St. Louis said he wouldn’t box them in with a system. He said he believed more in concepts rather than systems. He asked the Canadiens to forecheck hard, backcheck harder, stay on top of their men, make reads, play on instinct, play with confidence, make the best play and not just a good play, play hockey, and just have fun.
It’s simple stuff.
But there’s beauty in simplicity.
And I don’t know if what the Canadiens have been doing through St. Louis’ time as coach would be considered beautiful, but it sure is a lot prettier than what they were doing before.
“We shut the brains off a little bit,” said Brett Kulak, who played a near-flawless 26 shifts against the Sabres. “We’re not thinking about too much to do, and everyone’s kind of expressing their skills and their strengths kind of in different ways and different situations on the ice. It’s just clicking.

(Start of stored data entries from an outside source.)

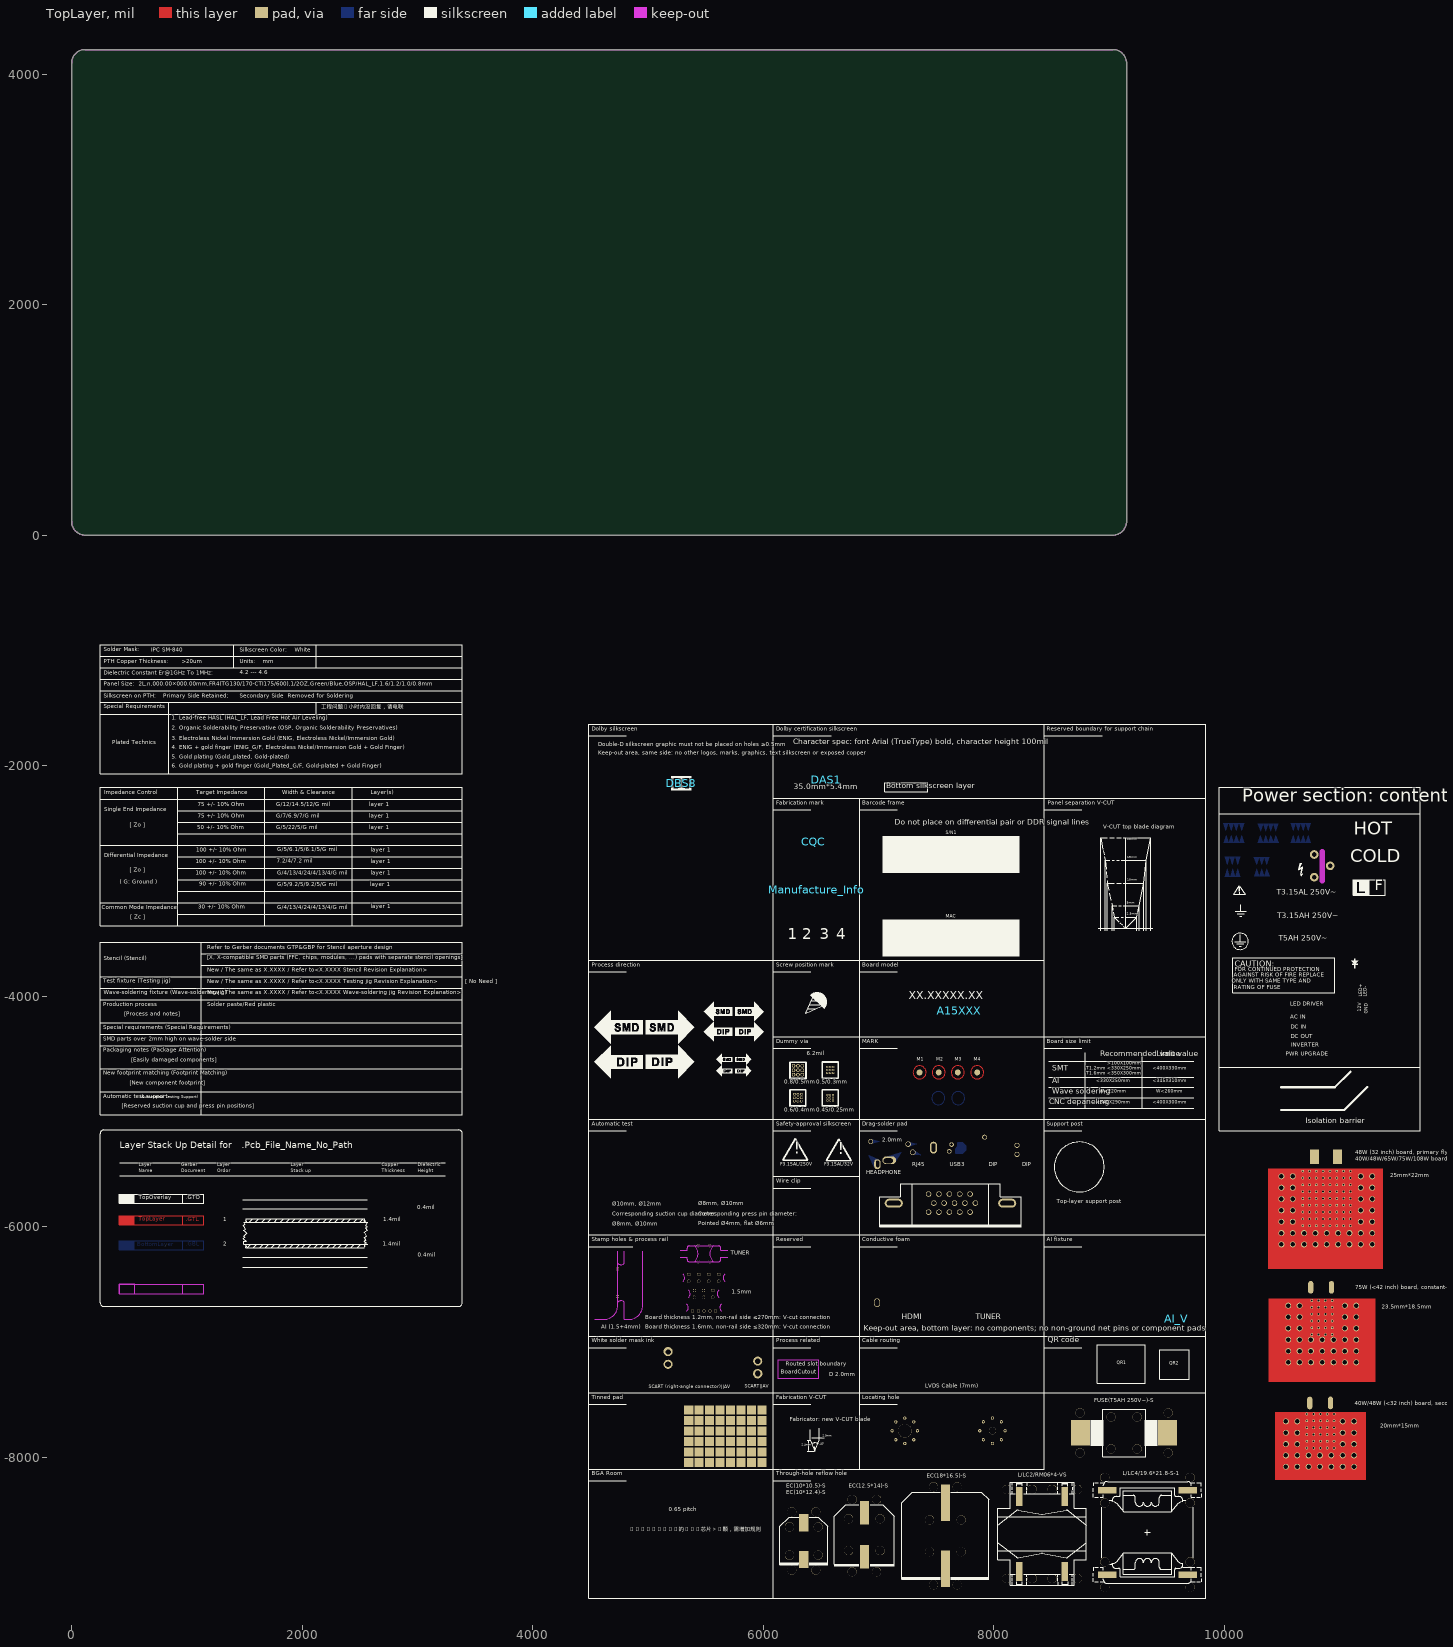
[diagram p0: TopLayer view]
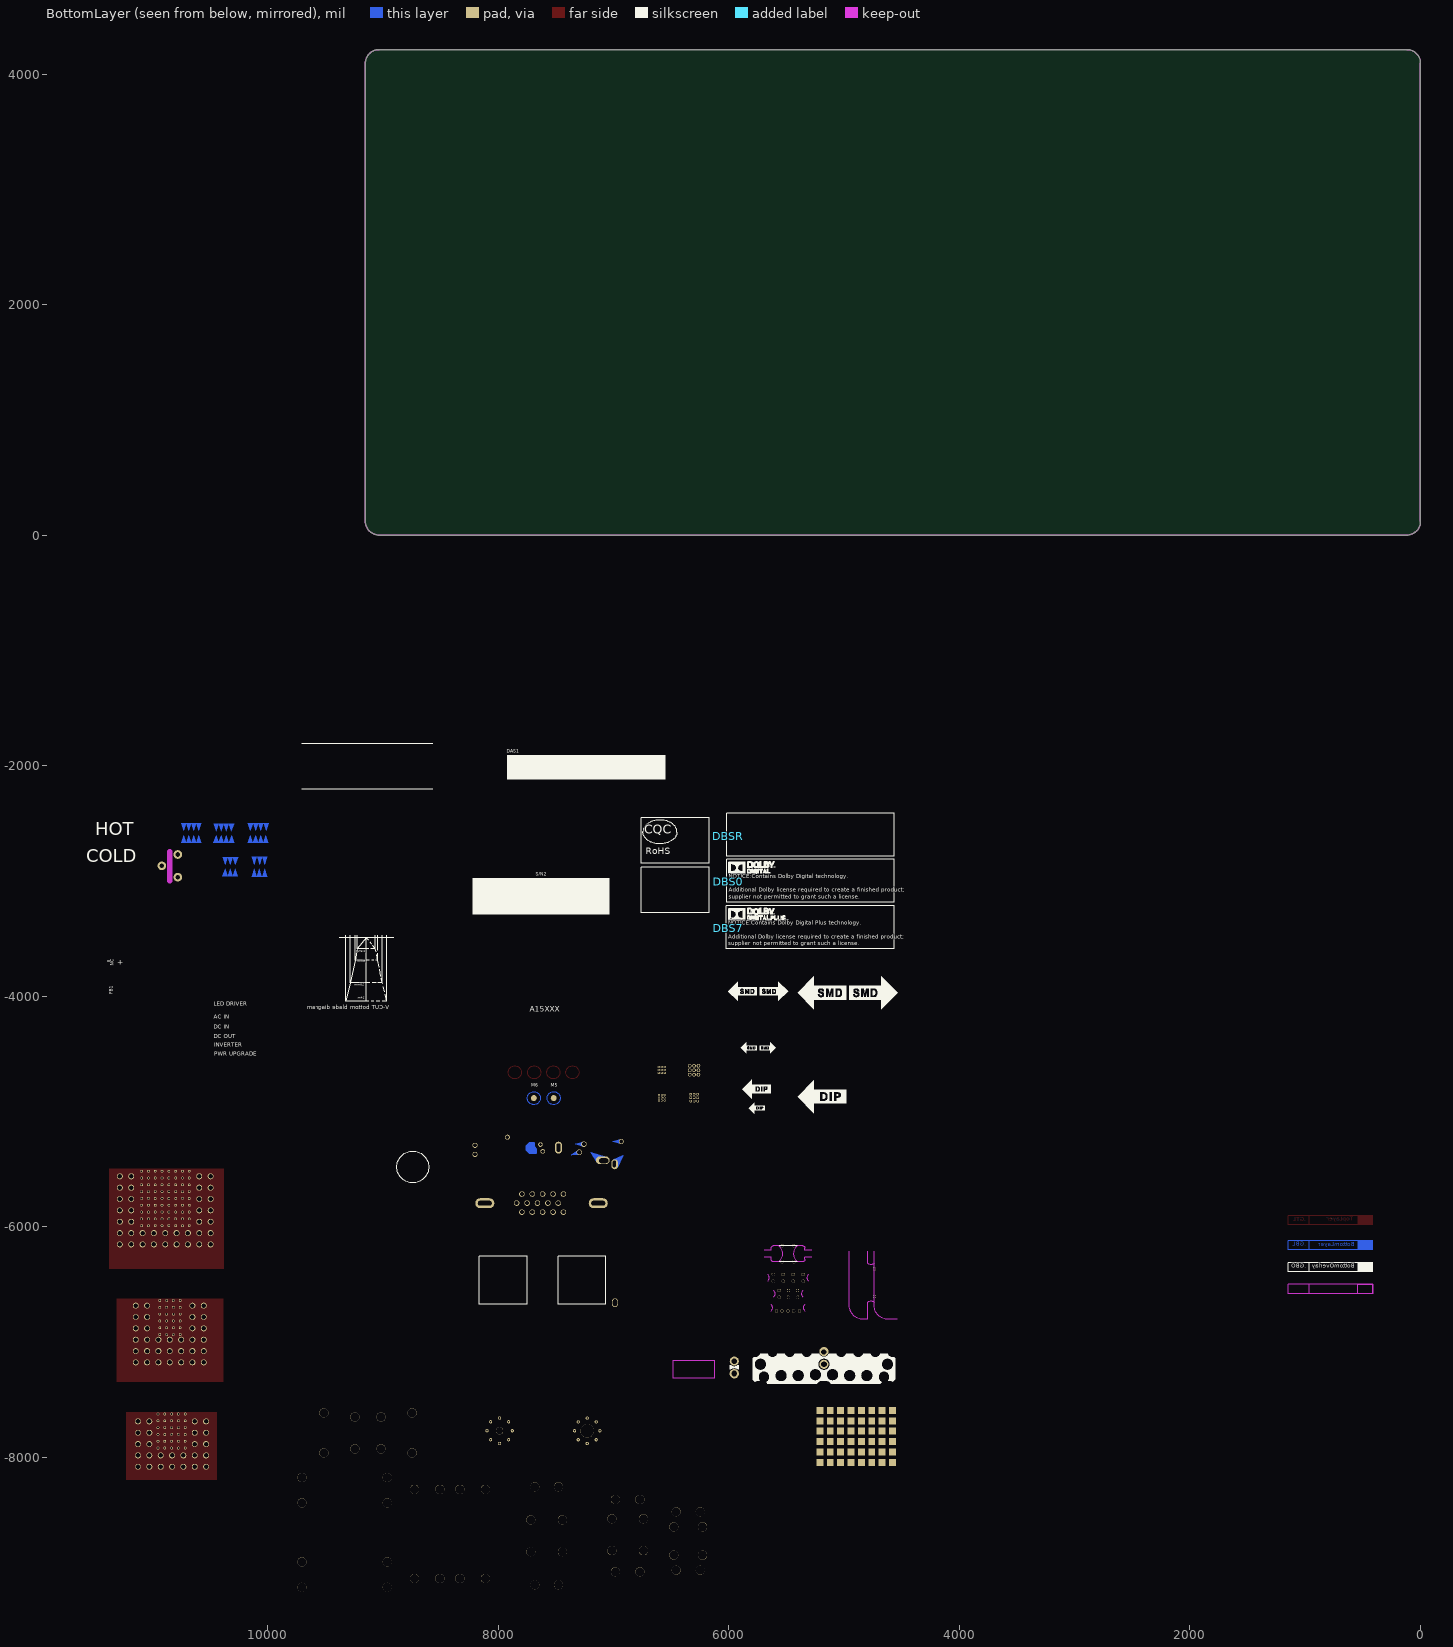
[diagram p1: BottomLayer view, seen from below]
# Altium PCB MISC86383.PcbDoc (part 1 of 2)
Units mil, origin at the board's own origin, x right, y up, seen from the top; angles counter-clockwise.
Board outline 9153.54 x 4212.6 mil, 2 copper layers (TopLayer, BottomLayer), stack 61.855 mil thick; 21 components, 2 nets, 540 pads, 0 vias.

## Layer stack, top to bottom
TopLayer: signal copper 1.4
Dielectric: core 59.055, FR-4, Dk 4.8
BottomLayer: signal copper 1.4

## Board outline
0,118.11 ccw(c118.11,118.11) 118.11,0 9035.43,0 9035.44,0 ccw(c9035.44,118.11) 9153.55,118.11 9153.55,4094.49 ccw(c9035.44,4094.49) 9035.44,4212.6 118.11,4212.6 ccw(c118.11,4094.49) 0,4094.49
cut-out: 6125.57,-7157.75 6125.57,-7314.38 6481.71,-7314.38 6481.71,-7157.75

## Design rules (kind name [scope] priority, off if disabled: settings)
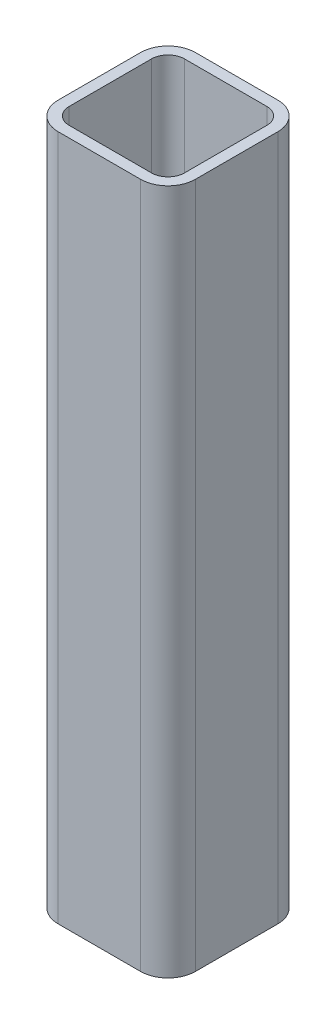
from build123d import *

# Parameters (mm, degrees)
BOSS_EXTRUDE1_DEPTH = 250


with BuildPart() as part:
    # Sketch1 → Boss-Extrude1 (new body)
    with BuildSketch(Plane(origin=(0, 0, 0), x_dir=(1, 0, 0), z_dir=(0, 1, 0))):
        with BuildLine():
            Line((-15, -25), (15, -25))
            ThreePointArc((15, -25), (22.071067812, -22.071067812), (25, -15))
            Line((25, -15), (25, 15))
            ThreePointArc((25, 15), (22.071067812, 22.071067812), (15, 25))
            Line((15, 25), (-15, 25))
            ThreePointArc((-15, 25), (-22.071067812, 22.071067812), (-25, 15))
            Line((-25, 15), (-25, -15))
            ThreePointArc((-25, -15), (-22.071067812, -22.071067812), (-15, -25))
        make_face()
        with BuildLine():
            Line((-15, 21), (15, 21))
            ThreePointArc((15, 21), (19.242640687, 19.242640687), (21, 15))
            Line((21, 15), (21, -15))
            ThreePointArc((21, -15), (19.242640687, -19.242640687), (15, -21))
            Line((15, -21), (-15, -21))
            ThreePointArc((-15, -21), (-19.242640687, -19.242640687), (-21, -15))
            Line((-21, -15), (-21, 15))
            ThreePointArc((-21, 15), (-19.242640687, 19.242640687), (-15, 21))
        make_face(mode=Mode.SUBTRACT)
    extrude(amount=BOSS_EXTRUDE1_DEPTH)


solid = part.part

“Things are working really well right now and I think we’re playing with more speed than we have all year. Everyone just looks kind of like a better player right now together and it’s been a big snowball effect over the last few days or so.”
Yes, everyone.
From Suzuki to Caufield — who combined for 17 points with Josh Anderson over the last three and a half games before Anderson left this one in the second period after taking Casey Mittelstadt’s wrist shot in the cheekbone — to Kulak and Dauphin. The Canadiens are unshackled.
“They’re great players, they’re in the NHL and, for me, it’s about meeting me halfway with the non-negotiable stuff — the game management, the puck management,” St. Louis said. “If they check the boxes there, I want them to play and trust their instincts. That’s why they’re in the NHL.”
That approach has inspired the confidence that’s led to this first four-game winning streak (in the regular season) for the Canadiens since January of 2019. It’s a confidence that Kulak said was brewing even through the first three losses under St. Louis.
It remained intact after Paul Byron left with an upper-body injury early in the first period of Wednesday’s game. It remained unchanged even when Anderson went down late in the second.
It stems partly from a commitment and engagement that’s been there for a fortnight. One that’s risen with each passing day.
“I have a lot of buy-in from the players,” said St. Louis. “There’s a lot of winners in this team — the guys who take care of the team a lot. You win a lot of games with guys like that. It’s 4-0 and we’re blocking shots with one minute left. It’s fun to see how quickly the culture has progressed.”
But St. Louis’ role in that progression is massive. It shouldn’t be understated.
The Canadiens lost too many games with the same guys and knocked themselves out of playoff contention well before he arrived. They didn’t look like the team that went to the Stanley Cup Final last summer, and they certainly didn’t look like winners.
Even with that changed, no one is under the illusion they’re going to rattle off win after win over the final 30 games.
But the coach who had zero professional experience prior has already broken through to every player on the roster, and he’s making the team look like one that will at least compete in all of them.